The major problem with this technique is that you have to do a lot of work on the surface. The bottom-up method is the worst as almost all the time spent is on the surface. The top-down method is better but your work crew (human and/or robotic) are still going to be exposed and at risk until the roof is finished and covered.
Even the SPORE version requires too much surface exposure. Time to construct the Shield Wall (the roof) and time to move enough regolith onto the Shield Wall. We’ll either need to risk our Homesteaders or design robots that can do the job. Unfortunately, we’ve been working on the robot angle for decades and still aren’t there yet.
Time for another plan.
Tunnel boring machines (TBM)
Just like it sounds. Using big machines to bore holes through the ground. These may be useful in the future but they are impractical for Homesteads.
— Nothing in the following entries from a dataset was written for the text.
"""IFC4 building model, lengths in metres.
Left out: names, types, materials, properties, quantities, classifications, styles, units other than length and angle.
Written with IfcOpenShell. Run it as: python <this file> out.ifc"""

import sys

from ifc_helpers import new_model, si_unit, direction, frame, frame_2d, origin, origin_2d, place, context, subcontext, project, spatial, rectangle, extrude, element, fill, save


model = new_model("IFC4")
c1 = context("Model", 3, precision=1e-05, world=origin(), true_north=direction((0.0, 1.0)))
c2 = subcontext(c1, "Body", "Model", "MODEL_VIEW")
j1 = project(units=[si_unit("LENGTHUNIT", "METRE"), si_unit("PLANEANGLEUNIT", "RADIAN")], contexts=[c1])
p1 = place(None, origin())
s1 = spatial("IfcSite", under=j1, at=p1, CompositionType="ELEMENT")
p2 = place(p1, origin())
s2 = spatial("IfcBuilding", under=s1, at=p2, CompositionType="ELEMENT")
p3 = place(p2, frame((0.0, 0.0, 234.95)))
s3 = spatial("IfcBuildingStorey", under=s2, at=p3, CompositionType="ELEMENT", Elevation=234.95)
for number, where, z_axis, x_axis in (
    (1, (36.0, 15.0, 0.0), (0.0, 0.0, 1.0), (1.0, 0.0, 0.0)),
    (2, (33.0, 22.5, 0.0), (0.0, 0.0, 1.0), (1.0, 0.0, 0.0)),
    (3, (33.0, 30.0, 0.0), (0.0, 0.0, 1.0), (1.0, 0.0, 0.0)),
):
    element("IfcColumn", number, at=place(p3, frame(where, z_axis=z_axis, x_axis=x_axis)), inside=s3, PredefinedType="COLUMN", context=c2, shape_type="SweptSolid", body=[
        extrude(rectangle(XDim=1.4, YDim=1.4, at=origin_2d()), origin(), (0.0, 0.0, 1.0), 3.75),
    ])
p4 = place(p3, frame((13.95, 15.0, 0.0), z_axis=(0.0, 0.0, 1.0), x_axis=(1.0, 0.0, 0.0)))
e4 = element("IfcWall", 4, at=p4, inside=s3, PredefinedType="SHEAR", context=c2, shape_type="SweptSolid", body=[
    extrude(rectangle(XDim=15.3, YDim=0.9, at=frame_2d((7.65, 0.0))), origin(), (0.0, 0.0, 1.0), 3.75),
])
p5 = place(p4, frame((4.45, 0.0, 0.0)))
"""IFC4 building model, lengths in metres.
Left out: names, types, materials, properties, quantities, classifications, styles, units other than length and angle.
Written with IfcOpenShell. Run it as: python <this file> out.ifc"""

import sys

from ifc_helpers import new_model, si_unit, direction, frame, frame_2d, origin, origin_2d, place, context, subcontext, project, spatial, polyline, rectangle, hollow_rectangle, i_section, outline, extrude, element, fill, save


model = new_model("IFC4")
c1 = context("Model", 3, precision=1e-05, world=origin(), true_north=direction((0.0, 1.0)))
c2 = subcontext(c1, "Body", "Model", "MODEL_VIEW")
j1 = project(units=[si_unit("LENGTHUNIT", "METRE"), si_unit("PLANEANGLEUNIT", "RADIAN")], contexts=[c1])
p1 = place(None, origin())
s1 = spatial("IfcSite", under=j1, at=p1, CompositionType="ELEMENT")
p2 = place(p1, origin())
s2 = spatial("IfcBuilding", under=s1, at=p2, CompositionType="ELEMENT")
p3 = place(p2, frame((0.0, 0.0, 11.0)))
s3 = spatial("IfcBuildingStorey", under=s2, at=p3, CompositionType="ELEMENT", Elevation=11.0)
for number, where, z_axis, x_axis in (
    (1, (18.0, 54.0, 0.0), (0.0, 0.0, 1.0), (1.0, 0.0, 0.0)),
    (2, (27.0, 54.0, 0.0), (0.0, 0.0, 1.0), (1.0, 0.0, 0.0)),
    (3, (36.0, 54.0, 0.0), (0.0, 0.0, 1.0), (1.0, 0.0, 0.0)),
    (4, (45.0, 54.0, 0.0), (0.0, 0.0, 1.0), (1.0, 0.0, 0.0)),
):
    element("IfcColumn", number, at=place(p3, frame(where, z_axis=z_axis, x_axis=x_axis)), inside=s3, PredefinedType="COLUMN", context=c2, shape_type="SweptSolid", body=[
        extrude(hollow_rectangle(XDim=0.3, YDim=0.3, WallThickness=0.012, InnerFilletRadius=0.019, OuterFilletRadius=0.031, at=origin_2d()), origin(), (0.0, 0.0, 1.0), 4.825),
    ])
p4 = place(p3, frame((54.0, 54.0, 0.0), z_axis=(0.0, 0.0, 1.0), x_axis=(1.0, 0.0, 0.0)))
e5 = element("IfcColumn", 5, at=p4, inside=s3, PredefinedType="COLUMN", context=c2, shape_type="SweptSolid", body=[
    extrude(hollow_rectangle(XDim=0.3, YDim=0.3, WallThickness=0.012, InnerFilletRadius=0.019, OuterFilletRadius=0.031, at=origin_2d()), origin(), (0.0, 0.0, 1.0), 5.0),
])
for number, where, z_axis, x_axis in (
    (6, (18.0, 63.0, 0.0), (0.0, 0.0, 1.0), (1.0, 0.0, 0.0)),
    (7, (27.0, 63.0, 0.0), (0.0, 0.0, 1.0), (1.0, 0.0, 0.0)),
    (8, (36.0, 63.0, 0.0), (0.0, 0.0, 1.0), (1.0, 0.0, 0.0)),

- Boring machines are complex devices. Many of the components would have to made on Earth and transported to Luna. There would have to be a constant supply of replacement parts as well.
- They would have to be rather big to excavate spaces the size we need. Current diameters would be limited by the diameter of rockets transporting the machines. We would have to ship them in pieces from Earth and assemble them on Luna. And since we need the machines to make the livable spaces underground, we’ll have to assemble them on the surface. And, now we’re back to that problem.
- Combine these two problems with the expense of transporting stuff to Luna and you have a deal-breaker. It might be possible when Homesteads can create most of the components from Lunar materials. Earth can supply the electronics.
- Boring machines will also require a lot of energy (electrical, fuel, etc.) to do their thing. Our power-strapped Homesteads would be hard pressed to power one.
- Like all big industrial machines, they produce a lot of hazards (noise, vibration, dust, heat, etc.). Boring machine operations would probably make living conditions in the Homestead highly uncomfortable or downright dangerous. They will certainly be dangerous for the people operating them.
- Building a Homestead isn’t the same a creating the Channel Tunnel. This would be a high-tech large-scale solution to a low-tech small-scale problem. That’s the opposite of Lunar Homesteading.
Tunnel boring machines are out for now.